To test this versatility of genetic algorithms in the context of density functionals, a hybrid functional was optimized targeting only the mean absolute error on those subsets of the GMTKN30 database that focus on non-covalent interactions. Moreover, no dispersion correction was included in the functional genome. The resulting functional (see Table 1) was then applied to compute the potential energy curve for the benzene dimer, a well-known example for a Van-der-Waals bound system, where standard DFT fails (see, e.g., Ref. ). The potential energies obtained for the functional with adapted fitness function, called EH-ED (ED stands for evolved dispersion), the functionals EH and EH-NL, as well as CCSD(T) reference values taken from Ref.  are shown in Fig. 6.
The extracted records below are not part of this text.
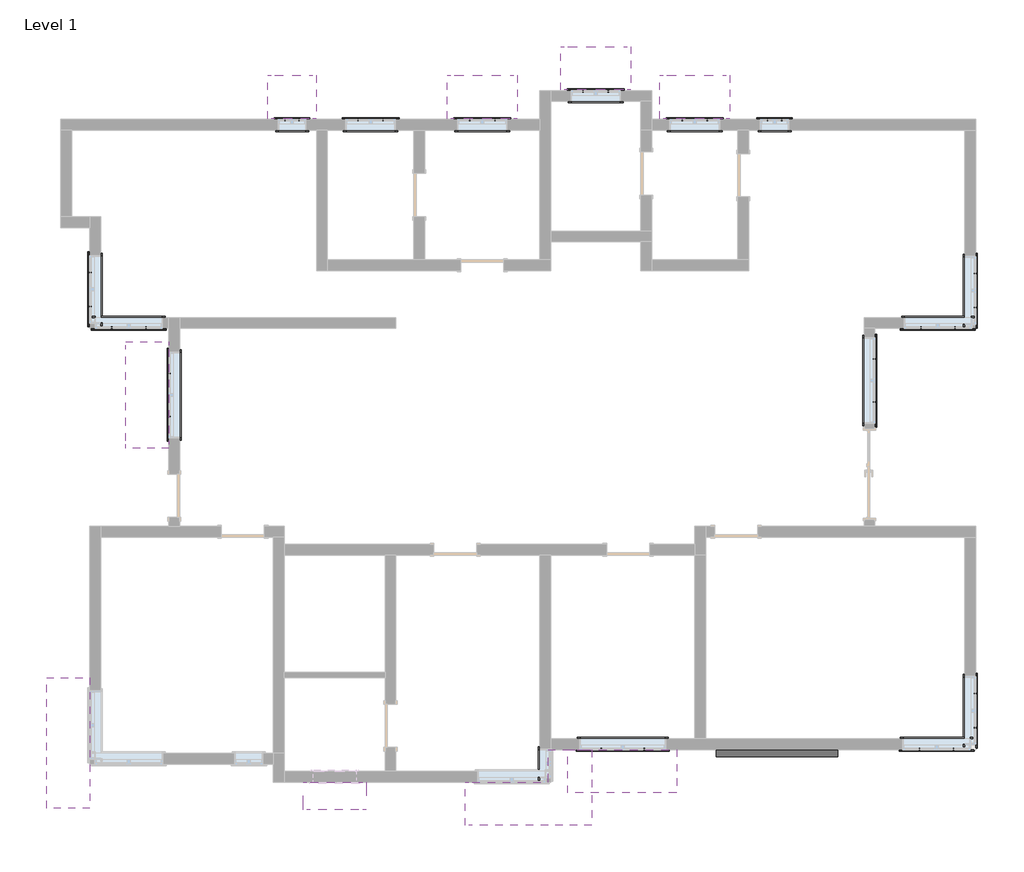
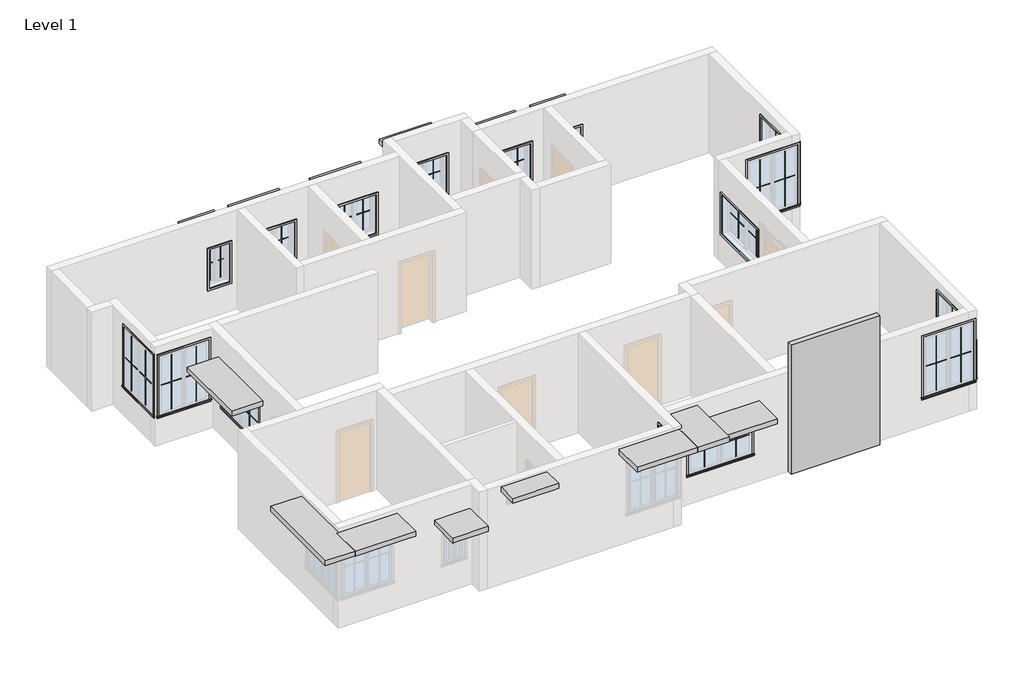
# One storey, part 3 of 3: 71 proxies.
"""IFC4 building model written with IfcOpenShell, lengths in millimetres."""

from ifc_helpers import new_model, si_unit, origin, place, context, project, spatial, transform, mapped, element, save
from components import generic_models_1_generic_models_1_0485f0a6, generic_models_13_generic_models_13_60817c59, generic_models_2_generic_models_2_5dfb3e49, generic_models_3_generic_models_3_1965cac1, generic_models_4_generic_models_4_668f170e, generic_models_5_generic_models_5_4455ebe8, generic_models_6_generic_models_6_772fa5ba, generic_models_7_generic_models_7_55042171, generic_models_8_generic_models_8_7ecb40ae, generic_models_9_generic_models_9_114c8f56, muntin_pattern_2x2_muntin_pattern_2x2_ddac5204, muntin_pattern_2x2_muntin_pattern_2x2_784a3213, muntin_pattern_2x2_muntin_pattern_2x2_dc2504c2, muntin_pattern_2x2_muntin_pattern_2x2_0aa094e9, muntin_pattern_2x2_muntin_pattern_2x2_63e5058f, muntin_pattern_2x2_muntin_pattern_2x2_529c3de1, muntin_pattern_2x2_muntin_pattern_2x2_bff912c5, muntin_pattern_2x2_muntin_pattern_2x2_c2194282, trim_window_exterior_flat_with_sill_35723329, trim_window_exterior_flat_with_sill_02d88a07, trim_window_exterior_flat_with_sill_245f2bb1, trim_window_exterior_flat_with_sill_e04b3088, trim_window_interior_flat_picture_frame_e16bff95, trim_window_interior_flat_picture_frame_03e64d7c, trim_window_interior_flat_picture_frame_2b4ba637, trim_window_interior_flat_picture_frame_2a7685fe, trim_window_interior_flat_picture_frame_6ac783dc

model = new_model("IFC4")

# Units and contexts
model_context = context("Model", 3, world=origin())
ifc_project = project(units=[si_unit("LENGTHUNIT", "METRE", prefix="MILLI")], contexts=[model_context])

# Site, building, storey
site = spatial("IfcSite", under=ifc_project)
building = spatial("IfcBuilding", under=site)
storey = spatial("IfcBuildingStorey", under=building, Name="Level 1", Elevation=0.0)

# Proxies
placement = place(None, origin())
generic_models_1_generic_models_1_shape = generic_models_1_generic_models_1_0485f0a6(model_context)
element("IfcBuildingElementProxy", 1, Name="Generic Models 1 : Generic Models 1", ObjectType="Generic Models 1 : Generic Models 1", at=placement, inside=storey, context=model_context, shape_type="MappedRepresentation", body=[
    mapped(generic_models_1_generic_models_1_shape, transform((0.0, 0.0, 0.0), x_axis=(1.0, 0.0, 0.0), y_axis=(0.0, 1.0, 0.0), z_axis=(0.0, 0.0, 1.0))),
])
generic_models_13_generic_models_13_shape = generic_models_13_generic_models_13_60817c59(model_context)
element("IfcBuildingElementProxy", 2, Name="Generic Models 13 : Generic Models 13", ObjectType="Generic Models 13 : Generic Models 13", at=placement, inside=storey, context=model_context, shape_type="MappedRepresentation", body=[
    mapped(generic_models_13_generic_models_13_shape, transform((0.0, 0.0, 0.0), x_axis=(1.0, 0.0, 0.0), y_axis=(0.0, 1.0, 0.0), z_axis=(0.0, 0.0, 1.0))),
])
generic_models_2_generic_models_2_shape = generic_models_2_generic_models_2_5dfb3e49(model_context)
element("IfcBuildingElementProxy", 3, Name="Generic Models 2 : Generic Models 2", ObjectType="Generic Models 2 : Generic Models 2", at=placement, inside=storey, context=model_context, shape_type="MappedRepresentation", body=[
    mapped(generic_models_2_generic_models_2_shape, transform((0.0, 0.0, 0.0), x_axis=(1.0, 0.0, 0.0), y_axis=(0.0, 1.0, 0.0), z_axis=(0.0, 0.0, 1.0))),
])
generic_models_3_generic_models_3_shape = generic_models_3_generic_models_3_1965cac1(model_context)
element("IfcBuildingElementProxy", 4, Name="Generic Models 3 : Generic Models 3", ObjectType="Generic Models 3 : Generic Models 3", at=placement, inside=storey, context=model_context, shape_type="MappedRepresentation", body=[
    mapped(generic_models_3_generic_models_3_shape, transform((-51.3527819, 0.0, 0.0272468), x_axis=(1.0, 0.0, 0.0), y_axis=(0.0, 1.0, 0.0), z_axis=(0.0, 0.0, 1.0))),
])
generic_models_4_generic_models_4_shape = generic_models_4_generic_models_4_668f170e(model_context)
element("IfcBuildingElementProxy", 5, Name="Generic Models 4 : Generic Models 4", ObjectType="Generic Models 4 : Generic Models 4", at=placement, inside=storey, context=model_context, shape_type="MappedRepresentation", body=[
    mapped(generic_models_4_generic_models_4_shape, transform((0.0, 0.0, 0.0), x_axis=(1.0, 0.0, 0.0), y_axis=(0.0, 1.0, 0.0), z_axis=(0.0, 0.0, 1.0))),
])
generic_models_5_generic_models_5_shape = generic_models_5_generic_models_5_4455ebe8(model_context)
element("IfcBuildingElementProxy", 6, Name="Generic Models 5 : Generic Models 5", ObjectType="Generic Models 5 : Generic Models 5", at=placement, inside=storey, context=model_context, shape_type="MappedRepresentation", body=[
    mapped(generic_models_5_generic_models_5_shape, transform((0.0, 0.0, 0.0), x_axis=(1.0, 0.0, 0.0), y_axis=(0.0, 1.0, 0.0), z_axis=(0.0, 0.0, 1.0))),
])
generic_models_6_generic_models_6_shape = generic_models_6_generic_models_6_772fa5ba(model_context)
element("IfcBuildingElementProxy", 7, Name="Generic Models 6 : Generic Models 6", ObjectType="Generic Models 6 : Generic Models 6", at=placement, inside=storey, context=model_context, shape_type="MappedRepresentation", body=[
    mapped(generic_models_6_generic_models_6_shape, transform((0.0, 0.0, 0.0), x_axis=(1.0, 0.0, 0.0), y_axis=(0.0, 1.0, 0.0), z_axis=(0.0, 0.0, 1.0))),
])
generic_models_7_generic_models_7_shape = generic_models_7_generic_models_7_55042171(model_context)
element("IfcBuildingElementProxy", 8, Name="Generic Models 7 : Generic Models 7", ObjectType="Generic Models 7 : Generic Models 7", at=placement, inside=storey, context=model_context, shape_type="MappedRepresentation", body=[
    mapped(generic_models_7_generic_models_7_shape, transform((0.0, 0.0, 0.0), x_axis=(1.0, 0.0, 0.0), y_axis=(0.0, 1.0, 0.0), z_axis=(0.0, 0.0, 1.0))),
])
generic_models_8_generic_models_8_shape = generic_models_8_generic_models_8_7ecb40ae(model_context)
element("IfcBuildingElementProxy", 9, Name="Generic Models 8 : Generic Models 8", ObjectType="Generic Models 8 : Generic Models 8", at=placement, inside=storey, context=model_context, shape_type="MappedRepresentation", body=[
    mapped(generic_models_8_generic_models_8_shape, transform((0.0, 0.0, 0.0), x_axis=(1.0, 0.0, 0.0), y_axis=(0.0, 1.0, 0.0), z_axis=(0.0, 0.0, 1.0))),
])
generic_models_9_generic_models_9_shape = generic_models_9_generic_models_9_114c8f56(model_context)
element("IfcBuildingElementProxy", 10, Name="Generic Models 9 : Generic Models 9", ObjectType="Generic Models 9 : Generic Models 9", at=placement, inside=storey, context=model_context, shape_type="MappedRepresentation", body=[
    mapped(generic_models_9_generic_models_9_shape, transform((0.0, 0.0, 0.0), x_axis=(1.0, 0.0, 0.0), y_axis=(0.0, 1.0, 0.0), z_axis=(0.0, 0.0, 1.0))),
])
muntin_pattern_2x2_muntin_pattern_2x2_shape = muntin_pattern_2x2_muntin_pattern_2x2_ddac5204(model_context)
element("IfcBuildingElementProxy", 11, Name="Muntin Pattern_2x2 : Muntin Pattern_2x2", ObjectType="Muntin Pattern_2x2 : Muntin Pattern_2x2", at=placement, inside=storey, context=model_context, shape_type="MappedRepresentation", body=[
    mapped(muntin_pattern_2x2_muntin_pattern_2x2_shape, transform((-27733.7270004, 19654.2006148, 984.25), x_axis=(1.0, 0.0, 0.0), y_axis=(0.0, 1.0, 0.0), z_axis=(0.0, 0.0, 1.0))),
])
element("IfcBuildingElementProxy", 12, Name="Muntin Pattern_2x2 : Muntin Pattern_2x2", ObjectType="Muntin Pattern_2x2 : Muntin Pattern_2x2", at=placement, inside=storey, context=model_context, shape_type="MappedRepresentation", body=[
    mapped(muntin_pattern_2x2_muntin_pattern_2x2_shape, transform((-37944.5270004, 19654.2006148, 984.25), x_axis=(1.0, 0.0, 0.0), y_axis=(0.0, 1.0, 0.0), z_axis=(0.0, 0.0, 1.0))),
])
muntin_pattern_2x2_muntin_pattern_2x2_2_shape = muntin_pattern_2x2_muntin_pattern_2x2_784a3213(model_context)
element("IfcBuildingElementProxy", 13, Name="Muntin Pattern_2x2 : Muntin Pattern_2x2", ObjectType="Muntin Pattern_2x2 : Muntin Pattern_2x2", at=placement, inside=storey, context=model_context, shape_type="MappedRepresentation", body=[
    mapped(muntin_pattern_2x2_muntin_pattern_2x2_2_shape, transform((-27432.1020004, 19654.2006148, 984.25), x_axis=(-1.0, 0.0, 0.0), y_axis=(0.0, -1.0, 0.0), z_axis=(0.0, 0.0, 1.0))),
])
element("IfcBuildingElementProxy", 14, Name="Muntin Pattern_2x2 : Muntin Pattern_2x2", ObjectType="Muntin Pattern_2x2 : Muntin Pattern_2x2", at=placement, inside=storey, context=model_context, shape_type="MappedRepresentation", body=[
    mapped(muntin_pattern_2x2_muntin_pattern_2x2_2_shape, transform((-37642.9020004, 19654.2006148, 984.25), x_axis=(-1.0, 0.0, 0.0), y_axis=(0.0, -1.0, 0.0), z_axis=(0.0, 0.0, 1.0))),
])
muntin_pattern_2x2_muntin_pattern_2x2_3_shape = muntin_pattern_2x2_muntin_pattern_2x2_dc2504c2(model_context)
element("IfcBuildingElementProxy", 15, Name="Muntin Pattern_2x2 : Muntin Pattern_2x2", ObjectType="Muntin Pattern_2x2 : Muntin Pattern_2x2", at=placement, inside=storey, context=model_context, shape_type="MappedRepresentation", body=[
    mapped(muntin_pattern_2x2_muntin_pattern_2x2_3_shape, transform((-30340.4020004, 6338.2506148, 984.25), x_axis=(-1.0, 0.0, 0.0), y_axis=(0.0, -1.0, 0.0), z_axis=(0.0, 0.0, 1.0))),
])
element("IfcBuildingElementProxy", 16, Name="Muntin Pattern_2x2 : Muntin Pattern_2x2", ObjectType="Muntin Pattern_2x2 : Muntin Pattern_2x2", at=placement, inside=storey, context=model_context, shape_type="MappedRepresentation", body=[
    mapped(muntin_pattern_2x2_muntin_pattern_2x2_3_shape, transform((-25471.5395004, 14594.8381148, 984.25), x_axis=(0.0, -1.0, 0.0), y_axis=(1.0, 0.0, 0.0), z_axis=(0.0, 0.0, 1.0))),
])
element("IfcBuildingElementProxy", 17, Name="Muntin Pattern_2x2 : Muntin Pattern_2x2", ObjectType="Muntin Pattern_2x2 : Muntin Pattern_2x2", at=placement, inside=storey, context=model_context, shape_type="MappedRepresentation", body=[
    mapped(muntin_pattern_2x2_muntin_pattern_2x2_3_shape, transform((-40387.6895004, 13378.8131148, 984.25), x_axis=(0.0, 1.0, 0.0), y_axis=(-1.0, 0.0, 0.0), z_axis=(0.0, 0.0, 1.0))),
])
muntin_pattern_2x2_muntin_pattern_2x2_4_shape = muntin_pattern_2x2_muntin_pattern_2x2_0aa094e9(model_context)
element("IfcBuildingElementProxy", 18, Name="Muntin Pattern_2x2 : Muntin Pattern_2x2", ObjectType="Muntin Pattern_2x2 : Muntin Pattern_2x2", at=placement, inside=storey, context=model_context, shape_type="MappedRepresentation", body=[
    mapped(muntin_pattern_2x2_muntin_pattern_2x2_4_shape, transform((-31251.6270004, 6338.2506148, 984.25), x_axis=(1.0, 0.0, 0.0), y_axis=(0.0, 1.0, 0.0), z_axis=(0.0, 0.0, 1.0))),
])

While EH-NL shows only minor deviations from the CCSD(T) reference, the minimum is completely absent in the case of EH and the dimers are unbound. This result is typical for functionals not augmented by dispersion corrections, as they lack the physical capability to describe long-range interactions of the Van-der-Waals type. Yet, compared to EH, the potential curve of EH-ED exhibits a qualitatively correct behavior, possessing a distinct minimum at slightly larger distances than the CCSD(T) reference, despite the explicit absence of a dispersion correction.
This result is an excellent demonstration for the performance of the genetic algorithm in optimizing a specially designed objective. Moreover, it opens up the possibility to use the genetic algorithm to automatically create “niche”-functionals tailored to specific needs. While the increased accuracy for the target properties comes at the cost of generality (e.g., reduced performance for other properties, EH-ED exhibits a WTMAD of 48.53 kJ/mol), the associated trade-off should be acceptable compared to the gains, provided the reference data and fitness function are chosen carefully.
At the same time, this finding also illustrates one of the potential drawbacks of DFT. As was shown above, even the standard three-parameter hybrid functional form is extremely flexible with respect to the combination of different functional approximations and parametrization. With enough patience and creativity, almost any desired result can be obtained. Hence, this high intrinsic flexibility of density functional approaches should always be considered carefully when searching for a universally valid functional.